As for living in a world of oblivion and ignorance, the missing parts can’t simply be replaced with the relevant pieces of knowledge, or by merely learning the facts, because the lack of this kind of knowledge generates, generation after generation, an inability of sharing the suffering of the other and of dissociating oneself from the attributed collective identity. By distorting the facts, the state apparatus distorts the system of values, convictions, and ability to reason and to draw conclusions.

Many dissidents in Turkey, including myself, discovered late that we were unaware of our ignorance, that we didn’t even know that we didn’t know. It is not a gap that can be bridged simply by reading and learning more. It has caused a delay in our intellectual and emotional capacities to truly grasp all aspects of the loss.

Ninety-two years after April 24, there seems to be no real hope for improvement in Turkey, at least not in the short to medium term. Improvement can not be measured by economic indicators such as inflation figures, direct foreign investment inflow, or annual economic growth, nor sociological indicators such as the increasing use of mobile telephones. It refers, instead, to the flourishing of a culture of true democracy. There is no hope in the near future because the spirit of April 24 and the elements of this spirit still prevails in Turkey: first, the concept of an omnipotent state ruling over all civil and human rights, a concept widely accepted and enthusiastically supported by the general public; secondly the dominance of violence both as a manner of government and as a popular culture of living, thirdly militarism not only a key component of the regime but also as a common psyche shared by the great majority of the society; and last but not least, a never weakening Turkish nationalism engraved in the tiniest cells of the society and the ruling apparatus.
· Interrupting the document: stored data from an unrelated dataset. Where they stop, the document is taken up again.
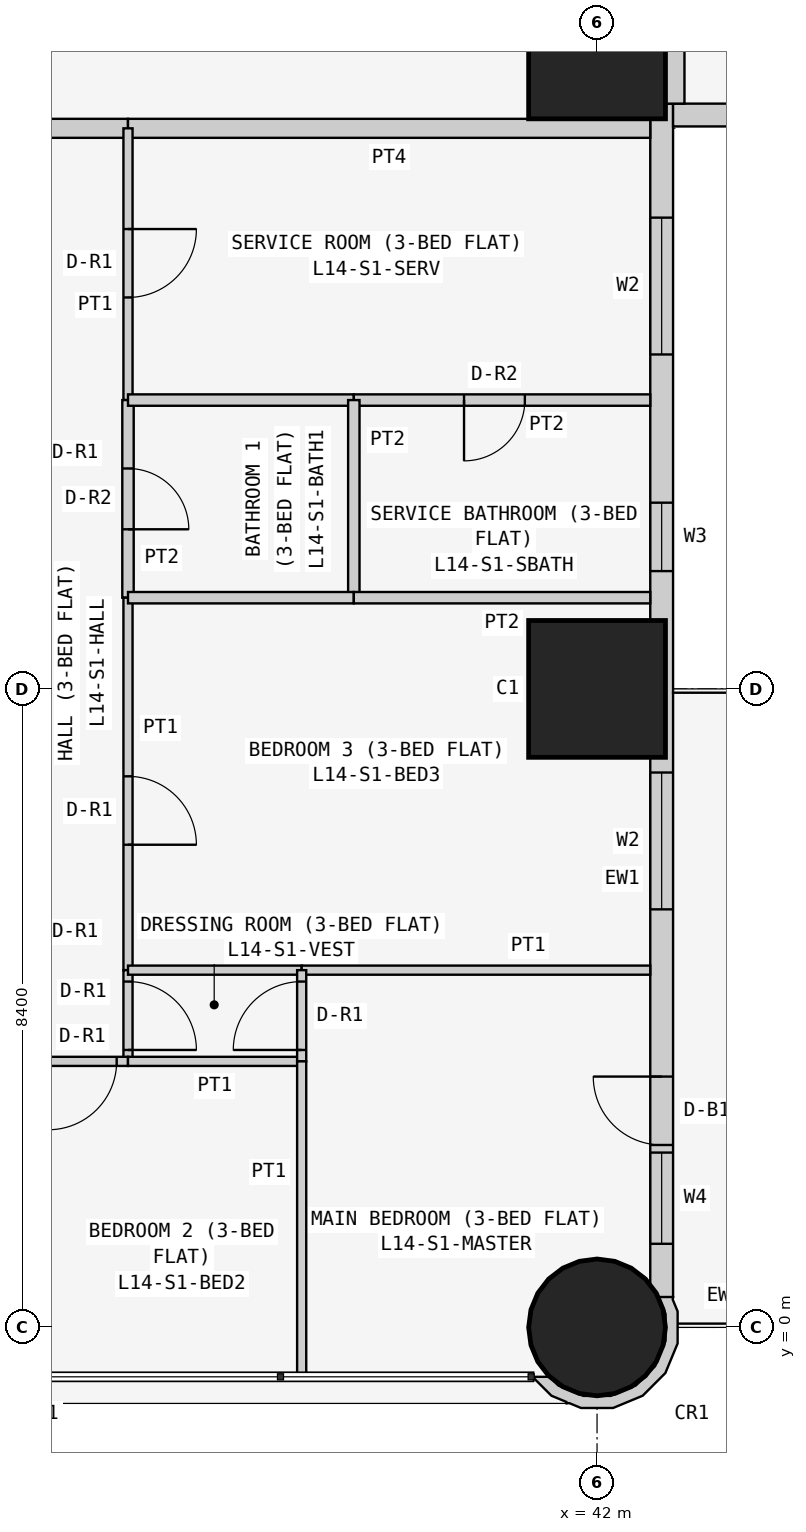
"""IFC4 building model, lengths in metres.
Left out: names, types, materials, properties, quantities, classifications, styles, units other than length and angle.
Written with IfcOpenShell. Run it as: python <this file> out.ifc"""

import sys

from ifc_helpers import new_model, si_unit, direction, frame, frame_2d, origin, origin_2d, place, context, subcontext, project, spatial, polyline, rectangle, circle, outline, extrude, element, fill, save


model = new_model("IFC4")
c1 = context("Model", 3, precision=1e-05, world=origin(), true_north=direction((0.0, 1.0)))
c2 = subcontext(c1, "Body", "Model", "MODEL_VIEW")
j1 = project(units=[si_unit("LENGTHUNIT", "METRE"), si_unit("PLANEANGLEUNIT", "RADIAN")], contexts=[c1])
p1 = place(None, origin())
s1 = spatial("IfcSite", under=j1, at=p1, CompositionType="ELEMENT")
p2 = place(p1, origin())
s2 = spatial("IfcBuilding", under=s1, at=p2, CompositionType="ELEMENT")
p3 = place(p2, frame((0.0, 0.0, 59.7)))
s3 = spatial("IfcBuildingStorey", under=s2, at=p3, CompositionType="ELEMENT", Elevation=59.7)
p4 = place(p3, frame((42.0, 0.0, 0.0), z_axis=(0.0, 0.0, 1.0), x_axis=(1.0, 0.0, 0.0)))
e1 = element("IfcColumn", 1, at=p4, inside=s3, PredefinedType="COLUMN", context=c2, shape_type="SweptSolid", body=[
    extrude(circle(Radius=0.9, at=origin_2d()), origin(), (0.0, 0.0, 1.0), 3.6),
])
for number, where, z_axis, x_axis in (
    (2, (42.0, 8.4, 0.0), (0.0, 0.0, 1.0), (1.0, 0.0, 0.0)),
    (3, (42.0, 16.8, 0.0), (0.0, 0.0, 1.0), (1.0, 0.0, 0.0)),
):
    element("IfcColumn", number, at=place(p3, frame(where, z_axis=z_axis, x_axis=x_axis)), inside=s3, PredefinedType="COLUMN", context=c2, shape_type="SweptSolid", body=[
        extrude(rectangle(XDim=1.8, YDim=1.8, at=origin_2d()), origin(), (0.0, 0.0, 1.0), 3.6),
    ])
p5 = place(p3, frame((42.85, 0.4, 0.0), z_axis=(0.0, 0.0, 1.0), x_axis=(0.0, 1.0, 0.0)))
e4 = element("IfcWall", 4, at=p5, inside=s3, PredefinedType="SOLIDWALL", context=c2, shape_type="SweptSolid", body=[
    extrude(rectangle(XDim=15.7, YDim=0.3, at=frame_2d((7.85, 0.0))), origin(), (0.0, 0.0, 1.0), 3.45),
])
p6 = place(p5, frame((12.4, 0.0, 0.9)))
e5 = element("IfcOpeningElement", 5, at=p6, cuts=e4, PredefinedType="OPENING", context=c2, shape_type="SweptSolid", body=[
    extrude(rectangle(XDim=1.8, YDim=1.5, at=frame_2d((0.9, 0.75))), frame((0.0, 0.16, 0.0), z_axis=(0.0, -1.0, 0.0), x_axis=(1.0, 0.0, 0.0)), (0.0, 0.0, 1.0), 0.32),
])
p7 = place(p5, frame((9.55, 0.0, 1.5)))
e6 = element("IfcOpeningElement", 6, at=p7, cuts=e4, PredefinedType="OPENING", context=c2, shape_type="SweptSolid", body=[
    extrude(rectangle(XDim=0.9, YDim=0.7, at=frame_2d((0.45, 0.35))), frame((0.0, 0.16, 0.0), z_axis=(0.0, -1.0, 0.0), x_axis=(1.0, 0.0, 0.0)), (0.0, 0.0, 1.0), 0.32),
])
p8 = place(p5, frame((5.1, 0.0, 0.9)))
e7 = element("IfcOpeningElement", 7, at=p8, cuts=e4, PredefinedType="OPENING", context=c2, shape_type="SweptSolid", body=[
    extrude(rectangle(XDim=1.8, YDim=1.5, at=frame_2d((0.9, 0.75))), frame((0.0, 0.16, 0.0), z_axis=(0.0, -1.0, 0.0), x_axis=(1.0, 0.0, 0.0)), (0.0, 0.0, 1.0), 0.32),
])
p9 = place(p5, frame((2.0, 0.0, 0.0)))
e8 = element("IfcOpeningElement", 8, at=p9, cuts=e4, PredefinedType="OPENING", context=c2, shape_type="SweptSolid", body=[
    extrude(rectangle(XDim=0.9, YDim=2.4, at=frame_2d((0.45, 1.2))), frame((0.0, 0.16, 0.0), z_axis=(0.0, -1.0, 0.0), x_axis=(1.0, 0.0, 0.0)), (0.0, 0.0, 1.0), 0.32),
])
p10 = place(p5, frame((0.7, 0.0, 0.9)))
e9 = element("IfcOpeningElement", 9, at=p10, cuts=e4, PredefinedType="OPENING", context=c2, shape_type="SweptSolid", body=[
    extrude(rectangle(XDim=1.2, YDim=1.5, at=frame_2d((0.6, 0.75))), frame((0.0, 0.16, 0.0), z_axis=(0.0, -1.0, 0.0), x_axis=(1.0, 0.0, 0.0)), (0.0, 0.0, 1.0), 0.32),
])
p11 = place(p3, frame((43.0, 15.95, 0.0), z_axis=(0.0, 0.0, 1.0), x_axis=(1.0, 0.0, 0.0)))
e10 = element("IfcWall", 10, at=p11, inside=s3, PredefinedType="SOLIDWALL", context=c2, shape_type="SweptSolid", body=[
    extrude(rectangle(XDim=15.4, YDim=0.3, at=frame_2d((7.7, 0.0))), origin(), (0.0, 0.0, 1.0), 3.45),
])
p12 = place(p11, frame((1.2, 0.0, 0.9)))
e11 = element("IfcOpeningElement", 11, at=p12, cuts=e10, PredefinedType="OPENING", context=c2, shape_type="SweptSolid", body=[
    extrude(rectangle(XDim=1.8, YDim=1.5, at=frame_2d((0.9, 0.75))), frame((0.0, 0.16, 0.0), z_axis=(0.0, -1.0, 0.0), x_axis=(1.0, 0.0, 0.0)), (0.0, 0.0, 1.0), 0.32),
])
p13 = place(p11, frame((4.95, 0.0, 1.5)))
e12 = element("IfcOpeningElement", 12, at=p13, cuts=e10, PredefinedType="OPENING", context=c2, shape_type="SweptSolid", body=[
    extrude(rectangle(XDim=0.9, YDim=0.7, at=frame_2d((0.45, 0.35))), frame((0.0, 0.16, 0.0), z_axis=(0.0, -1.0, 0.0), x_axis=(1.0, 0.0, 0.0)), (0.0, 0.0, 1.0), 0.32),
])
p14 = place(p11, frame((8.5, 0.0, 0.9)))
e13 = element("IfcOpeningElement", 13, at=p14, cuts=e10, PredefinedType="OPENING", context=c2, shape_type="SweptSolid", body=[
    extrude(rectangle(XDim=1.8, YDim=1.5, at=frame_2d((0.9, 0.75))), frame((0.0, 0.16, 0.0), z_axis=(0.0, -1.0, 0.0), x_axis=(1.0, 0.0, 0.0)), (0.0, 0.0, 1.0), 0.32),
])
p15 = place(p11, frame((12.5, 0.0, 0.0)))
e14 = element("IfcOpeningElement", 14, at=p15, cuts=e10, PredefinedType="OPENING", context=c2, shape_type="SweptSolid", body=[
    extrude(rectangle(XDim=0.9, YDim=2.4, at=frame_2d((0.45, 1.2))), frame((0.0, 0.16, 0.0), z_axis=(0.0, -1.0, 0.0), x_axis=(1.0, 0.0, 0.0)), (0.0, 0.0, 1.0), 0.32),
])
p16 = place(p11, frame((13.5, 0.0, 0.9)))
e15 = element("IfcOpeningElement", 15, at=p16, cuts=e10, PredefinedType="OPENING", context=c2, shape_type="SweptSolid", body=[
    extrude(rectangle(XDim=1.2, YDim=1.5, at=frame_2d((0.6, 0.75))), frame((0.0, 0.16, 0.0), z_axis=(0.0, -1.0, 0.0), x_axis=(1.0, 0.0, 0.0)), (0.0, 0.0, 1.0), 0.32),
])
p17 = place(p3, frame((41.233, -0.611, 0.0), z_axis=(0.0, 0.0, 1.0), x_axis=(0.377204953059, -0.926129809145, 0.0)))
e16 = element("IfcWall", 16, at=p17, inside=s3, PredefinedType="SOLIDWALL", context=c2, shape_type="SweptSolid", body=[
    extrude(outline(polyline([(0.319, 1.843), (-0.072, 2.001), (-0.24, 2.001), (-0.269, 2.017), (-0.37, 1.841), (-0.102, 1.842), (0.23, 1.707), (0.485, 1.455), (0.624, 1.125), (0.626, 0.766), (0.49, 0.434), (0.239, 0.179), (0.09, 0.117), (0.011, -0.078), (0.024, -0.083), (0.33, 0.045), (0.48, 0.197), (0.499, 0.193), (0.508, 0.225), (0.626, 0.345), (0.785, 0.736), (0.782, 1.157), (0.619, 1.546), (0.319, 1.843)])), origin(), (0.0, 0.0, 1.0), 3.45),
])
p18 = place(p3, frame((43.025, 22.571, 0.0), z_axis=(0.0, 0.0, 1.0), x_axis=(0.0, -1.0, 0.0)))
e17 = element("IfcWall", 17, at=p18, inside=s3, PredefinedType="PARTITIONING", context=c2, shape_type="SweptSolid", body=[
    extrude(rectangle(XDim=6.471, YDim=0.25, at=frame_2d((3.235, 0.0))), origin(), (0.0, 0.0, 1.0), 3.45),
])
p19 = place(p3, frame((35.829, 15.775, 0.0), z_axis=(0.0, 0.0, 1.0), x_axis=(-1.0, 0.0, 0.0)))
e18 = element("IfcWall", 18, at=p19, inside=s3, PredefinedType="PARTITIONING", context=c2, shape_type="SweptSolid", body=[
    extrude(rectangle(XDim=1.2, YDim=0.25, at=frame_2d((0.6, 0.0))), origin(), (0.0, 0.0, 1.0), 3.45),
])
p20 = place(p3, frame((42.7, 15.775, 0.0), z_axis=(0.0, 0.0, 1.0), x_axis=(-1.0, 0.0, 0.0)))
e19 = element("IfcWall", 19, at=p20, inside=s3, PredefinedType="PARTITIONING", context=c2, shape_type="SweptSolid", body=[
    extrude(rectangle(XDim=6.871, YDim=0.25, at=frame_2d((3.436, 0.0))), origin(), (0.0, 0.0, 1.0), 3.45),
])
p21 = place(p3, frame((35.829, 12.2, 0.0), z_axis=(0.0, 0.0, 1.0), x_axis=(0.0, 1.0, 0.0)))
e20 = element("IfcWall", 20, at=p21, inside=s3, PredefinedType="PARTITIONING", context=c2, shape_type="SweptSolid", body=[
    extrude(rectangle(XDim=3.575, YDim=0.12, at=frame_2d((1.788, 0.0))), origin(), (0.0, 0.0, 1.0), 3.45),
])
p22 = place(p21, frame((1.35, 0.0, 0.0)))
e21 = element("IfcOpeningElement", 21, at=p22, cuts=e20, PredefinedType="OPENING", context=c2, shape_type="SweptSolid", body=[
    extrude(rectangle(XDim=0.9, YDim=2.1, at=frame_2d((0.45, 1.05))), frame((0.0, 0.07, 0.0), z_axis=(0.0, -1.0, 0.0), x_axis=(1.0, 0.0, 0.0)), (0.0, 0.0, 1.0), 0.14),
])
p23 = place(p3, frame((35.829, 9.6, 0.0), z_axis=(0.0, 0.0, 1.0), x_axis=(0.0, 1.0, 0.0)))
e22 = element("IfcWall", 22, at=p23, inside=s3, PredefinedType="PARTITIONING", context=c2, shape_type="SweptSolid", body=[
    extrude(rectangle(XDim=2.6, YDim=0.15, at=frame_2d((1.3, 0.0))), origin(), (0.0, 0.0, 1.0), 3.45),
])
p24 = place(p23, frame((0.9, 0.0, 0.0)))
e23 = element("IfcOpeningElement", 23, at=p24, cuts=e22, PredefinedType="OPENING", context=c2, shape_type="SweptSolid", body=[
    extrude(rectangle(XDim=0.8, YDim=2.1, at=frame_2d((0.4, 1.05))), frame((0.0, 0.085, 0.0), z_axis=(0.0, -1.0, 0.0), x_axis=(1.0, 0.0, 0.0)), (0.0, 0.0, 1.0), 0.17),
])
p25 = place(p3, frame((35.829, 4.7, 0.0), z_axis=(0.0, 0.0, 1.0), x_axis=(0.0, 1.0, 0.0)))
e24 = element("IfcWall", 24, at=p25, inside=s3, PredefinedType="PARTITIONING", context=c2, shape_type="SweptSolid", body=[
    extrude(rectangle(XDim=4.9, YDim=0.12, at=frame_2d((2.45, 0.0))), origin(), (0.0, 0.0, 1.0), 3.45),
])
p26 = place(p25, frame((1.65, 0.0, 0.0)))
e25 = element("IfcOpeningElement", 25, at=p26, cuts=e24, PredefinedType="OPENING", context=c2, shape_type="SweptSolid", body=[
    extrude(rectangle(XDim=0.9, YDim=2.1, at=frame_2d((0.45, 1.05))), frame((0.0, 0.07, 0.0), z_axis=(0.0, -1.0, 0.0), x_axis=(1.0, 0.0, 0.0)), (0.0, 0.0, 1.0), 0.14),
])
p27 = place(p3, frame((35.829, 3.5, 0.0), z_axis=(0.0, 0.0, 1.0), x_axis=(0.0, 1.0, 0.0)))
e26 = element("IfcWall", 26, at=p27, inside=s3, PredefinedType="PARTITIONING", context=c2, shape_type="SweptSolid", body=[
    extrude(rectangle(XDim=1.2, YDim=0.12, at=frame_2d((0.6, 0.0))), origin(), (0.0, 0.0, 1.0), 3.45),
])
p28 = place(p27, frame((0.15, 0.0, 0.0)))
e27 = element("IfcOpeningElement", 27, at=p28, cuts=e26, PredefinedType="OPENING", context=c2, shape_type="SweptSolid", body=[
    extrude(rectangle(XDim=0.9, YDim=2.1, at=frame_2d((0.45, 1.05))), frame((0.0, 0.07, 0.0), z_axis=(0.0, -1.0, 0.0), x_axis=(1.0, 0.0, 0.0)), (0.0, 0.0, 1.0), 0.14),
])
p29 = place(p3, frame((34.629, 3.5, 0.0), z_axis=(0.0, 0.0, 1.0), x_axis=(1.0, 0.0, 0.0)))
e28 = element("IfcWall", 28, at=p29, inside=s3, PredefinedType="PARTITIONING", context=c2, shape_type="SweptSolid", body=[
    extrude(rectangle(XDim=1.2, YDim=0.12, at=frame_2d((0.6, 0.0))), origin(), (0.0, 0.0, 1.0), 3.45),
])
p30 = place(p29, frame((0.151, 0.0, 0.0)))
e29 = element("IfcOpeningElement", 29, at=p30, cuts=e28, PredefinedType="OPENING", context=c2, shape_type="SweptSolid", body=[
    extrude(rectangle(XDim=0.9, YDim=2.1, at=frame_2d((0.45, 1.05))), frame((0.0, 0.07, 0.0), z_axis=(0.0, -1.0, 0.0), x_axis=(1.0, 0.0, 0.0)), (0.0, 0.0, 1.0), 0.14),
])
p31 = place(p3, frame((35.829, 12.2, 0.0), z_axis=(0.0, 0.0, 1.0), x_axis=(1.0, 0.0, 0.0)))
e30 = element("IfcWall", 30, at=p31, inside=s3, PredefinedType="PARTITIONING", context=c2, shape_type="SweptSolid", body=[
    extrude(rectangle(XDim=2.971, YDim=0.15, at=frame_2d((1.485, 0.0))), origin(), (0.0, 0.0, 1.0), 3.45),
])
p32 = place(p3, frame((38.8, 12.2, 0.0), z_axis=(0.0, 0.0, 1.0), x_axis=(1.0, 0.0, 0.0)))
e31 = element("IfcWall", 31, at=p32, inside=s3, PredefinedType="PARTITIONING", context=c2, shape_type="SweptSolid", body=[
    extrude(rectangle(XDim=3.9, YDim=0.15, at=frame_2d((1.95, 0.0))), origin(), (0.0, 0.0, 1.0), 3.45),
])
p33 = place(p32, frame((1.45, 0.0, 0.0)))
e32 = element("IfcOpeningElement", 32, at=p33, cuts=e31, PredefinedType="OPENING", context=c2, shape_type="SweptSolid", body=[
    extrude(rectangle(XDim=0.8, YDim=2.1, at=frame_2d((0.4, 1.05))), frame((0.0, 0.085, 0.0), z_axis=(0.0, -1.0, 0.0), x_axis=(1.0, 0.0, 0.0)), (0.0, 0.0, 1.0), 0.17),
])
p34 = place(p3, frame((38.8, 9.6, 0.0), z_axis=(0.0, 0.0, 1.0), x_axis=(0.0, 1.0, 0.0)))
e33 = element("IfcWall", 33, at=p34, inside=s3, PredefinedType="PARTITIONING", context=c2, shape_type="SweptSolid", body=[
    extrude(rectangle(XDim=2.6, YDim=0.15, at=frame_2d((1.3, 0.0))), origin(), (0.0, 0.0, 1.0), 3.45),
])
p35 = place(p3, frame((35.829, 9.6, 0.0), z_axis=(0.0, 0.0, 1.0), x_axis=(1.0, 0.0, 0.0)))
e34 = element("IfcWall", 34, at=p35, inside=s3, PredefinedType="PARTITIONING", context=c2, shape_type="SweptSolid", body=[
    extrude(rectangle(XDim=2.971, YDim=0.15, at=frame_2d((1.485, 0.0))), origin(), (0.0, 0.0, 1.0), 3.45),
])
p36 = place(p3, frame((38.8, 9.6, 0.0), z_axis=(0.0, 0.0, 1.0), x_axis=(1.0, 0.0, 0.0)))
e35 = element("IfcWall", 35, at=p36, inside=s3, PredefinedType="PARTITIONING", context=c2, shape_type="SweptSolid", body=[
    extrude(rectangle(XDim=3.9, YDim=0.15, at=frame_2d((1.95, 0.0))), origin(), (0.0, 0.0, 1.0), 3.45),
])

Justice and reconciliation, therefore, will remain a distant aspiration until the entire society begins to transform and not just the ruling elite. It is wishful thinking that Turkey will soon confront the truth of April 24 because of the vicious circle that is in operation and in full force: Without democratization, a confrontation is out of the question; and without such a confrontation, no democracy can prevail. So we, the Turkish dissidents, will have to face the fact that every April 24, for many years to come, we will voice our call for the recognition of the Genocide not out of any optimism or hope for immediate improvement but out of a moral obligation and responsibility we must carry as humans.